As previously stated, all Regions start with a 4-byte "size." In Regions 1-12, this size does not end at the Region, but at the start of a terminal table-like data structure. See "Possible PCM Areas" below for an explanation. Conversely, in Regions 13-24, this size does end the Region. This further supports the idea of a "delta-table," as the sound may be located in Regions 1-12 instead of Regions 13-24 -- as there are 12 film slides and these Regions are longest. The shorter Regions 13-24 are conserved between cartridges, thus indicating that the audio is not stored here. The lengths of Regions 13-24 are also unchanging between cartridges, which lends evidence that they are not some sort of decryption keys for their corresponding Region 1-12 pair (ie: 1 & 13, 2 & 14, ... 12 & 24). If they were some sort of decryption/decompression key for their earlier pair, I would anticipate that their length would be proportional to the length of their Region 1-12 counterparts, which they are not since cartridge Regions 1-12 vary in length, but Regions 13-24 do not vary at all. Potentially, Regions 13-24 may be constant keys used to decrypt each corresponding Region 1-12 through some algorithm...
Phenakist originally noted that 8556 bytes prior to the start of Segment 5 is conserved among all books ("Segment 4"). However, the pointer table in Segment 1 suggests that Region 13 starts 8552 bytes prior to Segment 5. This 4-byte difference seems to be possibly deviant between books. See Segment 4 Region 13 Differentiation for an analysis of this 4-byte area leading to the correction of Segment 4's starting address.

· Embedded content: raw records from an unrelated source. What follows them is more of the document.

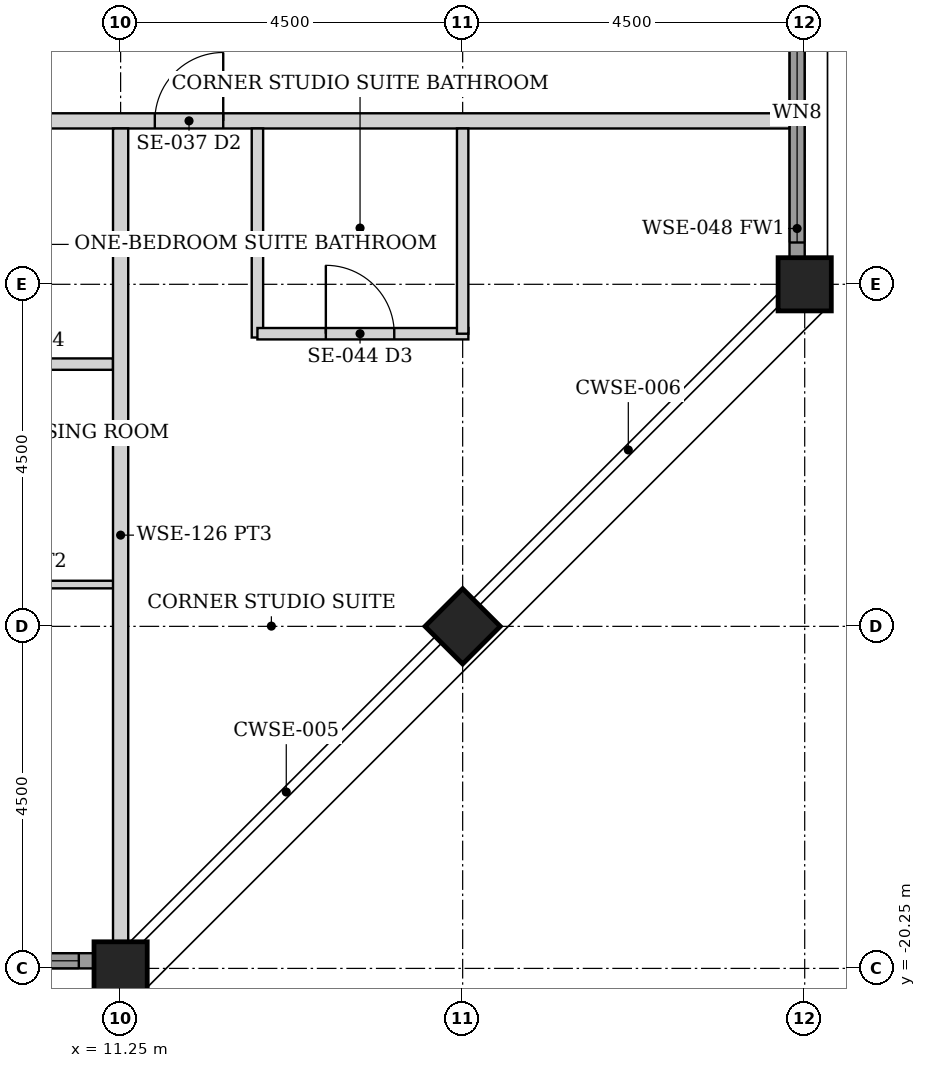
"""IFC4 building model, lengths in metres.
Left out: names, types, materials, properties, quantities, classifications, styles, units other than length and angle.
Written with IfcOpenShell. Run it as: python <this file> out.ifc"""

import sys

from ifc_helpers import new_model, si_unit, direction, frame, frame_2d, origin, origin_2d, place, context, subcontext, project, spatial, rectangle, hollow_rectangle, extrude, element, fill, save


model = new_model("IFC4")
c1 = context("Model", 3, precision=1e-05, world=origin(), true_north=direction((0.0, 1.0)))
c2 = subcontext(c1, "Body", "Model", "MODEL_VIEW")
j1 = project(units=[si_unit("LENGTHUNIT", "METRE"), si_unit("PLANEANGLEUNIT", "RADIAN")], contexts=[c1])
p1 = place(None, origin())
s1 = spatial("IfcSite", under=j1, at=p1, CompositionType="ELEMENT")
p2 = place(p1, origin())
s2 = spatial("IfcBuilding", under=s1, at=p2, CompositionType="ELEMENT")
p3 = place(p2, frame((0.0, 0.0, 253.3)))
s3 = spatial("IfcBuildingStorey", under=s2, at=p3, CompositionType="ELEMENT", Elevation=253.3)
for number, where, z_axis, x_axis in (
    (1, (20.25, -11.25, 0.0), (0.0, 0.0, 1.0), (1.0, 0.0, 0.0)),
    (2, (11.25, -20.25, 0.0), (0.0, 0.0, 1.0), (0.0, 1.0, 0.0)),
    (3, (15.75, -15.75, 0.0), (0.0, 0.0, 1.0), (0.707, -0.707, 0.0)),
):
    element("IfcColumn", number, at=place(p3, frame(where, z_axis=z_axis, x_axis=x_axis)), inside=s3, PredefinedType="COLUMN", context=c2, shape_type="SweptSolid", body=[
        extrude(hollow_rectangle(XDim=0.7, YDim=0.7, WallThickness=0.035, at=origin_2d()), origin(), (0.0, 0.0, 1.0), 3.75),
    ])
p4 = place(p3, frame((7.105, -20.15, 0.0), z_axis=(0.0, 0.0, 1.0), x_axis=(1.0, 0.0, 0.0)))
e4 = element("IfcWall", 4, at=p4, inside=s3, PredefinedType="SOLIDWALL", context=c2, shape_type="SweptSolid", body=[
    extrude(rectangle(XDim=3.79, YDim=0.2, at=frame_2d((1.895, 0.0))), origin(), (0.0, 0.0, 1.0), 2.579),
])
p5 = place(p4, frame((0.195, 0.0, 0.3)))
e5 = element("IfcOpeningElement", 5, at=p5, cuts=e4, PredefinedType="OPENING", context=c2, shape_type="SweptSolid", body=[
    extrude(rectangle(XDim=3.4, YDim=2.129, at=frame_2d((1.7, 1.064))), frame((0.0, 0.11, 0.0), z_axis=(0.0, -1.0, 0.0), x_axis=(1.0, 0.0, 0.0)), (0.0, 0.0, 1.0), 0.22),
])
p6 = place(p3, frame((20.15, -10.895, 0.0), z_axis=(0.0, 0.0, 1.0), x_axis=(0.0, 1.0, 0.0)))
e6 = element("IfcWall", 6, at=p6, inside=s3, PredefinedType="SOLIDWALL", context=c2, shape_type="SweptSolid", body=[
    extrude(rectangle(XDim=3.79, YDim=0.2, at=frame_2d((1.895, 0.0))), origin(), (0.0, 0.0, 1.0), 2.579),
])
p7 = place(p6, frame((0.195, 0.0, 0.3)))
e7 = element("IfcOpeningElement", 7, at=p7, cuts=e6, PredefinedType="OPENING", context=c2, shape_type="SweptSolid", body=[
    extrude(rectangle(XDim=3.4, YDim=2.129, at=frame_2d((1.7, 1.064))), frame((0.0, 0.11, 0.0), z_axis=(0.0, -1.0, 0.0), x_axis=(1.0, 0.0, 0.0)), (0.0, 0.0, 1.0), 0.22),
])
p8 = place(p3, frame((-20.05, -9.1, 0.0), z_axis=(0.0, 0.0, 1.0), x_axis=(1.0, 0.0, 0.0)))
e8 = element("IfcWall", 8, at=p8, inside=s3, PredefinedType="PARTITIONING", context=c2, shape_type="SweptSolid", body=[
    extrude(rectangle(XDim=40.1, YDim=0.2, at=frame_2d((20.05, 0.0))), origin(), (0.0, 0.0, 1.0), 2.573),
])
p9 = place(p8, frame((14.05, 0.0, 0.0)))
e9 = element("IfcOpeningElement", 9, at=p9, cuts=e8, PredefinedType="OPENING", context=c2, shape_type="SweptSolid", body=[
    extrude(rectangle(XDim=0.9, YDim=2.1, at=frame_2d((0.45, 1.05))), frame((0.0, 0.11, 0.0), z_axis=(0.0, -1.0, 0.0), x_axis=(1.0, 0.0, 0.0)), (0.0, 0.0, 1.0), 0.22),
])
p10 = place(p8, frame((23.05, 0.0, 0.0)))
e10 = element("IfcOpeningElement", 10, at=p10, cuts=e8, PredefinedType="OPENING", context=c2, shape_type="SweptSolid", body=[
    extrude(rectangle(XDim=0.9, YDim=2.1, at=frame_2d((0.45, 1.05))), frame((0.0, 0.11, 0.0), z_axis=(0.0, -1.0, 0.0), x_axis=(1.0, 0.0, 0.0)), (0.0, 0.0, 1.0), 0.22),
])
p11 = place(p8, frame((31.75, 0.0, 0.0)))
e11 = element("IfcOpeningElement", 11, at=p11, cuts=e8, PredefinedType="OPENING", context=c2, shape_type="SweptSolid", body=[
    extrude(rectangle(XDim=0.9, YDim=2.1, at=frame_2d((0.45, 1.05))), frame((0.0, 0.11, 0.0), z_axis=(0.0, -1.0, 0.0), x_axis=(1.0, 0.0, 0.0)), (0.0, 0.0, 1.0), 0.22),
])
p12 = place(p8, frame((7.45, 0.0, 0.0)))
e12 = element("IfcOpeningElement", 12, at=p12, cuts=e8, PredefinedType="OPENING", context=c2, shape_type="SweptSolid", body=[
    extrude(rectangle(XDim=0.9, YDim=2.1, at=frame_2d((0.45, 1.05))), frame((0.0, 0.11, 0.0), z_axis=(0.0, -1.0, 0.0), x_axis=(1.0, 0.0, 0.0)), (0.0, 0.0, 1.0), 0.22),
])
p13 = place(p3, frame((8.1, -12.3, 0.0), z_axis=(0.0, 0.0, 1.0), x_axis=(1.0, 0.0, 0.0)))
e13 = element("IfcWall", 13, at=p13, inside=s3, PredefinedType="PARTITIONING", context=c2, shape_type="SweptSolid", body=[
    extrude(rectangle(XDim=3.05, YDim=0.15, at=frame_2d((1.525, 0.0))), origin(), (0.0, 0.0, 1.0), 2.573),
])
p14 = place(p3, frame((8.05, -15.2, 0.0), z_axis=(0.0, 0.0, 1.0), x_axis=(1.0, 0.0, 0.0)))
e14 = element("IfcWall", 14, at=p14, inside=s3, PredefinedType="PARTITIONING", context=c2, shape_type="SweptSolid", body=[
    extrude(rectangle(XDim=3.2, YDim=0.1, at=frame_2d((1.6, 0.0))), origin(), (0.0, 0.0, 1.0), 2.573),
])
p15 = place(p3, frame((11.25, -19.9, 0.0), z_axis=(0.0, 0.0, 1.0), x_axis=(0.0, 1.0, 0.0)))
e15 = element("IfcWall", 15, at=p15, inside=s3, PredefinedType="PARTITIONING", context=c2, shape_type="SweptSolid", body=[
    extrude(rectangle(XDim=10.7, YDim=0.2, at=frame_2d((5.35, 0.0))), origin(), (0.0, 0.0, 1.0), 2.573),
])
p16 = place(p3, frame((13.05, -11.95, 0.0), z_axis=(0.0, 0.0, 1.0), x_axis=(0.0, 1.0, 0.0)))
e16 = element("IfcWall", 16, at=p16, inside=s3, PredefinedType="PARTITIONING", context=c2, shape_type="SweptSolid", body=[
    extrude(rectangle(XDim=2.75, YDim=0.15, at=frame_2d((1.375, 0.0))), origin(), (0.0, 0.0, 1.0), 2.573),
])
p17 = place(p3, frame((13.05, -11.9, 0.0), z_axis=(0.0, 0.0, 1.0), x_axis=(1.0, 0.0, 0.0)))
e17 = element("IfcWall", 17, at=p17, inside=s3, PredefinedType="PARTITIONING", context=c2, shape_type="SweptSolid", body=[
    extrude(rectangle(XDim=2.775, YDim=0.15, at=frame_2d((1.387, 0.0))), origin(), (0.0, 0.0, 1.0), 2.573),
])
p18 = place(p17, frame((0.9, 0.0, 0.0)))
e18 = element("IfcOpeningElement", 18, at=p18, cuts=e17, PredefinedType="OPENING", context=c2, shape_type="SweptSolid", body=[
    extrude(rectangle(XDim=0.9, YDim=2.1, at=frame_2d((0.45, 1.05))), frame((0.0, 0.085, 0.0), z_axis=(0.0, -1.0, 0.0), x_axis=(1.0, 0.0, 0.0)), (0.0, 0.0, 1.0), 0.17),
])
p19 = place(p3, frame((15.75, -11.9, 0.0), z_axis=(0.0, 0.0, 1.0), x_axis=(0.0, 1.0, 0.0)))
e19 = element("IfcWall", 19, at=p19, inside=s3, PredefinedType="PARTITIONING", context=c2, shape_type="SweptSolid", body=[
    extrude(rectangle(XDim=2.7, YDim=0.15, at=frame_2d((1.35, 0.0))), origin(), (0.0, 0.0, 1.0), 2.573),
])
p20 = place(p5, origin())
e20 = element("IfcWindow", 20, at=p20, inside=s3, PartitioningType="SINGLE_PANEL", PredefinedType="WINDOW", context=c2, shape_type="SweptSolid", body=[
    extrude(rectangle(XDim=3.4, YDim=2.129, at=frame_2d((1.7, 1.064))), frame((0.0, 0.03, 0.0), z_axis=(0.0, -1.0, 0.0), x_axis=(1.0, 0.0, 0.0)), (0.0, 0.0, 1.0), 0.06),
])
fill(e5, e20)
p21 = place(p7, origin())
e21 = element("IfcWindow", 21, at=p21, inside=s3, PartitioningType="SINGLE_PANEL", PredefinedType="WINDOW", context=c2, shape_type="SweptSolid", body=[
    extrude(rectangle(XDim=3.4, YDim=2.129, at=frame_2d((1.7, 1.064))), frame((0.0, 0.03, 0.0), z_axis=(0.0, -1.0, 0.0), x_axis=(1.0, 0.0, 0.0)), (0.0, 0.0, 1.0), 0.06),
])
fill(e7, e21)
p22 = place(p11, origin())
e22 = element("IfcDoor", 22, at=p22, inside=s3, OperationType="SINGLE_SWING_RIGHT", PredefinedType="DOOR", context=c2, shape_type="SweptSolid", body=[
    extrude(rectangle(XDim=0.9, YDim=2.1, at=frame_2d((0.45, 1.05))), frame((0.0, 0.025, 0.0), z_axis=(0.0, -1.0, 0.0), x_axis=(1.0, 0.0, 0.0)), (0.0, 0.0, 1.0), 0.05),
])
fill(e11, e22)
p23 = place(p18, origin())
e23 = element("IfcDoor", 23, at=p23, inside=s3, OperationType="SINGLE_SWING_LEFT", PredefinedType="DOOR", context=c2, shape_type="SweptSolid", body=[
    extrude(rectangle(XDim=0.9, YDim=2.1, at=frame_2d((0.45, 1.05))), frame((0.0, 0.025, 0.0), z_axis=(0.0, -1.0, 0.0), x_axis=(1.0, 0.0, 0.0)), (0.0, 0.0, 1.0), 0.05),
])
fill(e18, e23)
save(model, sys.argv[1])

PCM Breakdown for Regions 1-12 by Cartridge
Pulse-Code Modulation (PCM) is a type of compressed audio format. Each region can be further broken down into 2-3 distinguished parts. Regions 1-12 can be divided into Address, Body, and Map. Regions 13-24 can be simply divided into Address and Body.
This area is a 4 byte segment, the very first 4 bytes of each region. These 4 bytes actually denote the size of the PCM Body of the Region when converted into decimal. Remember retrograde conversion of hex to decimal in Little Endian (42 99 = 0x9942 = 39234 bytes).
This is suspected to be the area where the compressed audio is (in PCM format). To decompress the audio, a map of predictive changes based on the last value is provided to help reconstruct the audio coherently.
As far as I understand, this is a map of values that help predict the holes in the sampled audio of the Body.